You are viewing a plain text version of this content. The canonical link for it is here.

Posted to commits@cassandra.apache.org by "Kjetil Valstadsve (JIRA)" <ji...@apache.org> on 2011/02/20 16:40:38 UTC

[jira] Created: (CASSANDRA-2202) Better error reporting and meaningful toStrings

Better error reporting and meaningful toStrings
-----------------------------------------------

Key: CASSANDRA-2202
URL: https://issues.apache.org/jira/browse/CASSANDRA-2202
Project: Cassandra
Issue Type: Improvement
Components: Core
Affects Versions: 0.7.2
Reporter: Kjetil Valstadsve
Priority: Minor

Having been through some trouble with the upgrade to 0.7.2 via 0.7.1, I've learned the hard way that Cassandra's error reporting can be improved. In particular, I had issues with deserialization of bloom filters, and with some corrupt SSTables.

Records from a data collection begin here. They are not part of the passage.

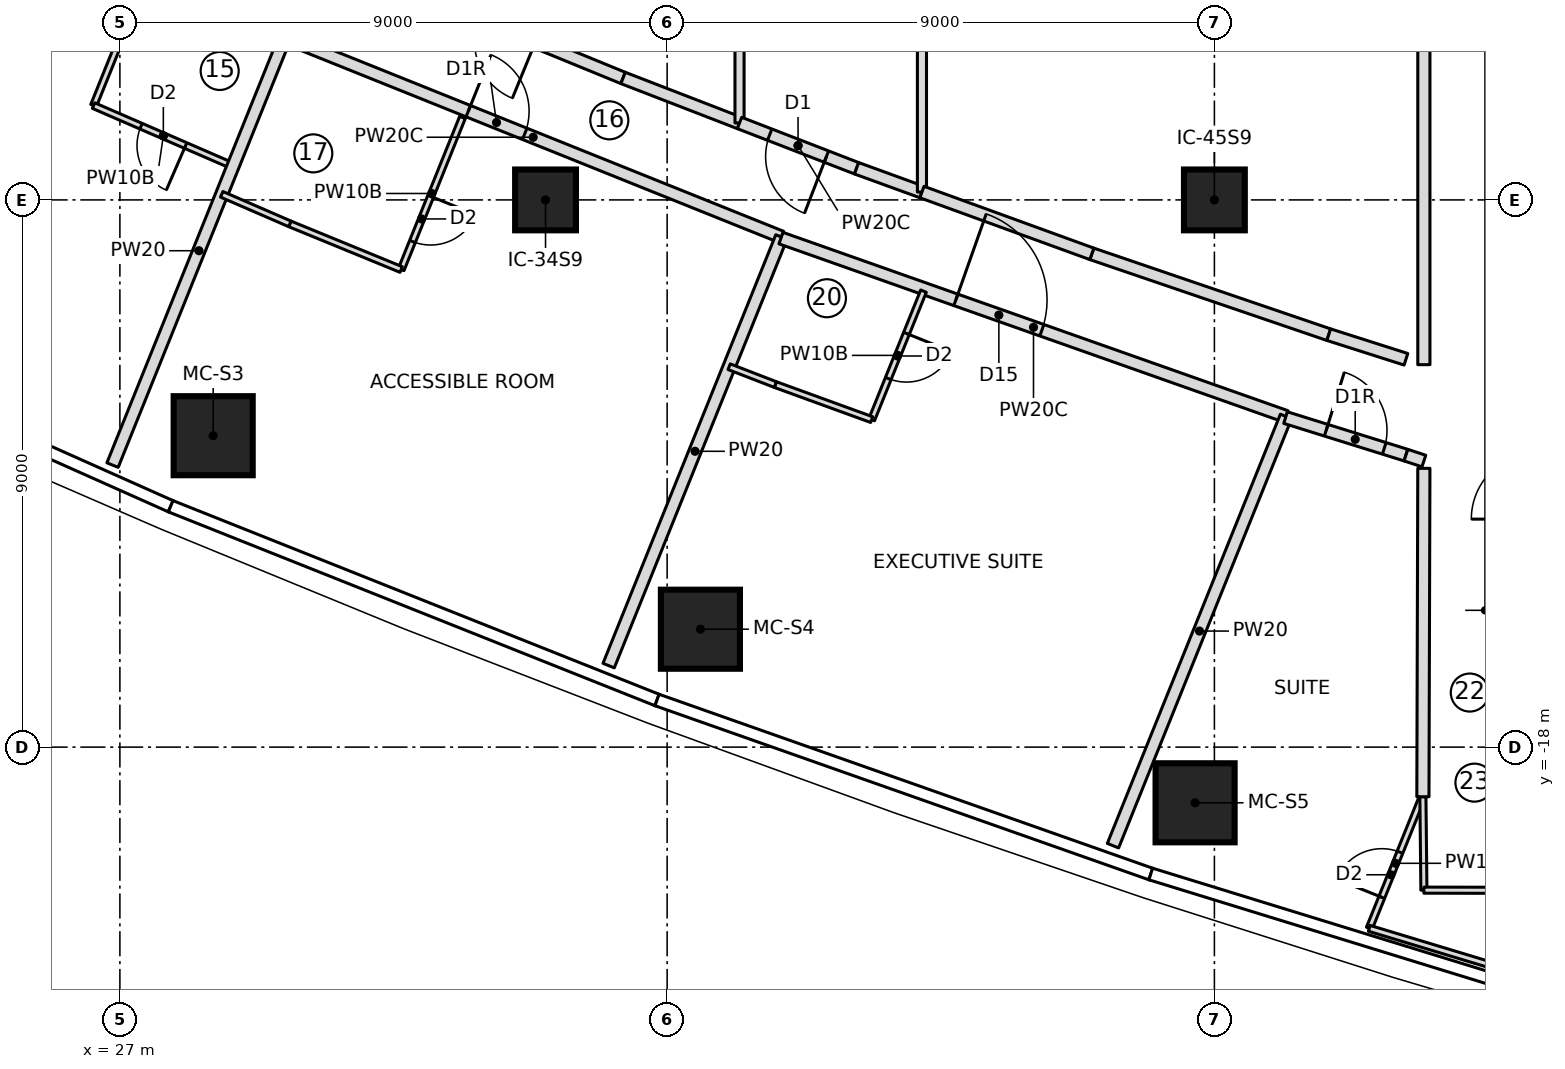
"""IFC4 building model, lengths in metres.
Left out: names, types, materials, properties, quantities, classifications, styles, units other than length and angle.
Written with IfcOpenShell. Run it as: python <this file> out.ifc"""

import sys

from ifc_helpers import new_model, si_unit, direction, frame, frame_2d, origin, origin_2d, place, context, subcontext, project, spatial, rectangle, extrude, element, fill, save


model = new_model("IFC4")
c1 = context("Model", 3, precision=1e-05, world=origin(), true_north=direction((0.0, 1.0)))
c2 = subcontext(c1, "Body", "Model", "MODEL_VIEW")
j1 = project(units=[si_unit("LENGTHUNIT", "METRE"), si_unit("PLANEANGLEUNIT", "RADIAN")], contexts=[c1])
p1 = place(None, origin())
s1 = spatial("IfcSite", under=j1, at=p1, CompositionType="ELEMENT")
p2 = place(p1, origin())
s2 = spatial("IfcBuilding", under=s1, at=p2, CompositionType="ELEMENT")
p3 = place(p2, frame((0.0, 0.0, 193.25)))
s3 = spatial("IfcBuildingStorey", under=s2, at=p3, CompositionType="ELEMENT", Elevation=193.25)
for number, where, z_axis, x_axis in (
    (1, (28.534, -12.878, 0.0), (0.0, 0.0, 1.0), (1.0, 0.0, 0.0)),
    (2, (36.547, -16.061, 0.0), (0.0, 0.0, 1.0), (1.0, 0.0, 0.0)),
    (3, (44.683, -18.916, 0.0), (0.0, 0.0, 1.0), (1.0, 0.0, 0.0)),
):
    element("IfcColumn", number, at=place(p3, frame(where, z_axis=z_axis, x_axis=x_axis)), inside=s3, PredefinedType="COLUMN", context=c2, shape_type="SweptSolid", body=[
        extrude(rectangle(XDim=1.3, YDim=1.3, at=origin_2d()), origin(), (0.0, 0.0, 1.0), 3.55),
    ])
for number, where, z_axis, x_axis in (
    (4, (34.0, -9.0, 0.0), (0.0, 0.0, 1.0), (1.0, 0.0, 0.0)),
    (5, (45.0, -9.0, 0.0), (0.0, 0.0, 1.0), (1.0, 0.0, 0.0)),
):
    element("IfcColumn", number, at=place(p3, frame(where, z_axis=z_axis, x_axis=x_axis)), inside=s3, PredefinedType="COLUMN", context=c2, shape_type="SweptSolid", body=[
        extrude(rectangle(XDim=1.0, YDim=1.0, at=origin_2d()), origin(), (0.0, 0.0, 1.0), 3.55),
    ])
p4 = place(p3, frame((26.567, -7.449, 0.0), z_axis=(0.0, 0.0, 1.0), x_axis=(0.373957926662, 0.927445669075, 0.0)))
e6 = element("IfcWall", 6, at=p4, inside=s3, PredefinedType="PARTITIONING", context=c2, shape_type="SweptSolid", body=[
    extrude(rectangle(XDim=2.278, YDim=0.1, at=frame_2d((1.139, 0.0))), origin(), (0.0, 0.0, 1.0), 3.25),
])
p5 = place(p3, frame((28.861, -8.444, 0.0), z_axis=(0.0, 0.0, 1.0), x_axis=(-0.917363173809, 0.398051262199, 0.0)))
e7 = element("IfcWall", 7, at=p5, inside=s3, PredefinedType="PARTITIONING", context=c2, shape_type="SweptSolid", body=[
    extrude(rectangle(XDim=2.5, YDim=0.1, at=frame_2d((1.25, 0.0))), origin(), (0.0, 0.0, 1.0), 3.25),
])
p6 = place(p5, frame((0.85, 0.0, 0.0)))
e8 = element("IfcOpeningElement", 8, at=p6, cuts=e7, PredefinedType="OPENING", context=c2, shape_type="SweptSolid", body=[
    extrude(rectangle(XDim=0.8, YDim=2.1, at=frame_2d((0.4, 1.05))), frame((0.0, 0.06, 0.0), z_axis=(0.0, -1.0, 0.0), x_axis=(1.0, 0.0, 0.0)), (0.0, 0.0, 1.0), 0.12),
])
p7 = place(p3, frame((26.879, -13.361, 0.0), z_axis=(0.0, 0.0, 1.0), x_axis=(0.37388636046, 0.927474522271, 0.0)))
e9 = element("IfcWall", 9, at=p7, inside=s3, PredefinedType="PARTITIONING", context=c2, shape_type="SweptSolid", body=[
    extrude(rectangle(XDim=7.603, YDim=0.2, at=frame_2d((3.801, 0.0))), origin(), (0.0, 0.0, 1.0), 3.25),
])
p8 = place(p3, frame((29.714, -6.329, 0.0), z_axis=(0.0, 0.0, 1.0), x_axis=(0.927886226391, -0.372863448026, 0.0)))
e10 = element("IfcWall", 10, at=p8, inside=s3, PredefinedType="PARTITIONING", context=c2, shape_type="SweptSolid", body=[
    extrude(rectangle(XDim=8.8, YDim=0.2, at=frame_2d((4.4, 0.0))), origin(), (0.0, 0.0, 1.0), 3.25),
])
p9 = place(p8, frame((3.25, 0.0, 0.0)))
e11 = element("IfcOpeningElement", 11, at=p9, cuts=e10, PredefinedType="OPENING", context=c2, shape_type="SweptSolid", body=[
    extrude(rectangle(XDim=1.0, YDim=2.1, at=frame_2d((0.5, 1.05))), frame((0.0, 0.11, 0.0), z_axis=(0.0, -1.0, 0.0), x_axis=(1.0, 0.0, 0.0)), (0.0, 0.0, 1.0), 0.22),
])
p10 = place(p3, frame((32.635, -7.644, 0.0), z_axis=(0.0, 0.0, 1.0), x_axis=(-0.373933172856, -0.927455649742, 0.0)))
e12 = element("IfcWall", 12, at=p10, inside=s3, PredefinedType="PARTITIONING", context=c2, shape_type="SweptSolid", body=[
    extrude(rectangle(XDim=2.697, YDim=0.1, at=frame_2d((1.349, 0.0))), origin(), (0.0, 0.0, 1.0), 3.25),
])
p11 = place(p10, frame((1.4, 0.0, 0.0)))
e13 = element("IfcOpeningElement", 13, at=p11, cuts=e12, PredefinedType="OPENING", context=c2, shape_type="SweptSolid", body=[
    extrude(rectangle(XDim=0.8, YDim=2.1, at=frame_2d((0.4, 1.05))), frame((0.0, 0.06, 0.0), z_axis=(0.0, -1.0, 0.0), x_axis=(1.0, 0.0, 0.0)), (0.0, 0.0, 1.0), 0.12),
])
p12 = place(p3, frame((31.626, -10.145, 0.0), z_axis=(0.0, 0.0, 1.0), x_axis=(-0.925208599746, 0.379458887043, 0.0)))
e14 = element("IfcWall", 14, at=p12, inside=s3, PredefinedType="PARTITIONING", context=c2, shape_type="SweptSolid", body=[
    extrude(rectangle(XDim=1.979, YDim=0.1, at=frame_2d((0.99, 0.0))), origin(), (0.0, 0.0, 1.0), 3.25),
])
p13 = place(p3, frame((29.795, -9.394, 0.0), z_axis=(0.0, 0.0, 1.0), x_axis=(-0.917378066425, 0.398016938386, 0.0)))
e15 = element("IfcWall", 15, at=p13, inside=s3, PredefinedType="PARTITIONING", context=c2, shape_type="SweptSolid", body=[
    extrude(rectangle(XDim=1.221, YDim=0.1, at=frame_2d((0.611, 0.0))), origin(), (0.0, 0.0, 1.0), 3.25),
])
p14 = place(p3, frame((35.038, -16.659, 0.0), z_axis=(0.0, 0.0, 1.0), x_axis=(0.373892577014, 0.927472016211, 0.0)))
e16 = element("IfcWall", 16, at=p14, inside=s3, PredefinedType="PARTITIONING", context=c2, shape_type="SweptSolid", body=[
    extrude(rectangle(XDim=7.601, YDim=0.2, at=frame_2d((3.8, 0.0))), origin(), (0.0, 0.0, 1.0), 3.25),
])
p15 = place(p3, frame((37.872, -9.628, 0.0), z_axis=(0.0, 0.0, 1.0), x_axis=(0.9429299378, -0.332991189675, 0.0)))
e17 = element("IfcWall", 17, at=p15, inside=s3, PredefinedType="PARTITIONING", context=c2, shape_type="SweptSolid", body=[
    extrude(rectangle(XDim=8.808, YDim=0.2, at=frame_2d((4.404, 0.0))), origin(), (0.0, 0.0, 1.0), 3.25),
])
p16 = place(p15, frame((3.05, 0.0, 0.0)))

Chatting with driftx on the IRC channel, I complained about lack of error reporting, and showed him a stacktrace that indicated a corrupted SSTable. I then added various toString implementations and some new try/catch/rethrow points in critical control flow, which revealed the name of the SSTable. (It turned out to be a hints table, allowing driftx to advise me on the next step - namely delete the local tables and rely on read repair.)

I'm submitting a patch reflecting this work. It addresses these issues, and is perhaps best taken as a suggested guideline, maybe as an eye-opener.

I generally advocate two practices/good habits wrt. error reporting:

1) Provide a good toString, reflecting the important state of an instance. (In this case, file names carry valuable information.)

2) Trapping and reporting errors is more useful at some points of the control flow than in others. For instance, at a point in the code where we have gathered all relevant parameters and are about to embark on major I/O (like reading a table from disk). In these points, a try/catch/throw can be used to capture this information. It's ok to catch Exception here, if you ask me, as long as you wrap it as the cause of a new exception. This new exception should describe the most important parameters involved in the failed call. To do this, it should rely on the toStrings from item 1.

2a) The same goes for log messages. Notice that the utility of a toString multiplies, as it will emit useful information wherever it's used for logging and/or exception messages.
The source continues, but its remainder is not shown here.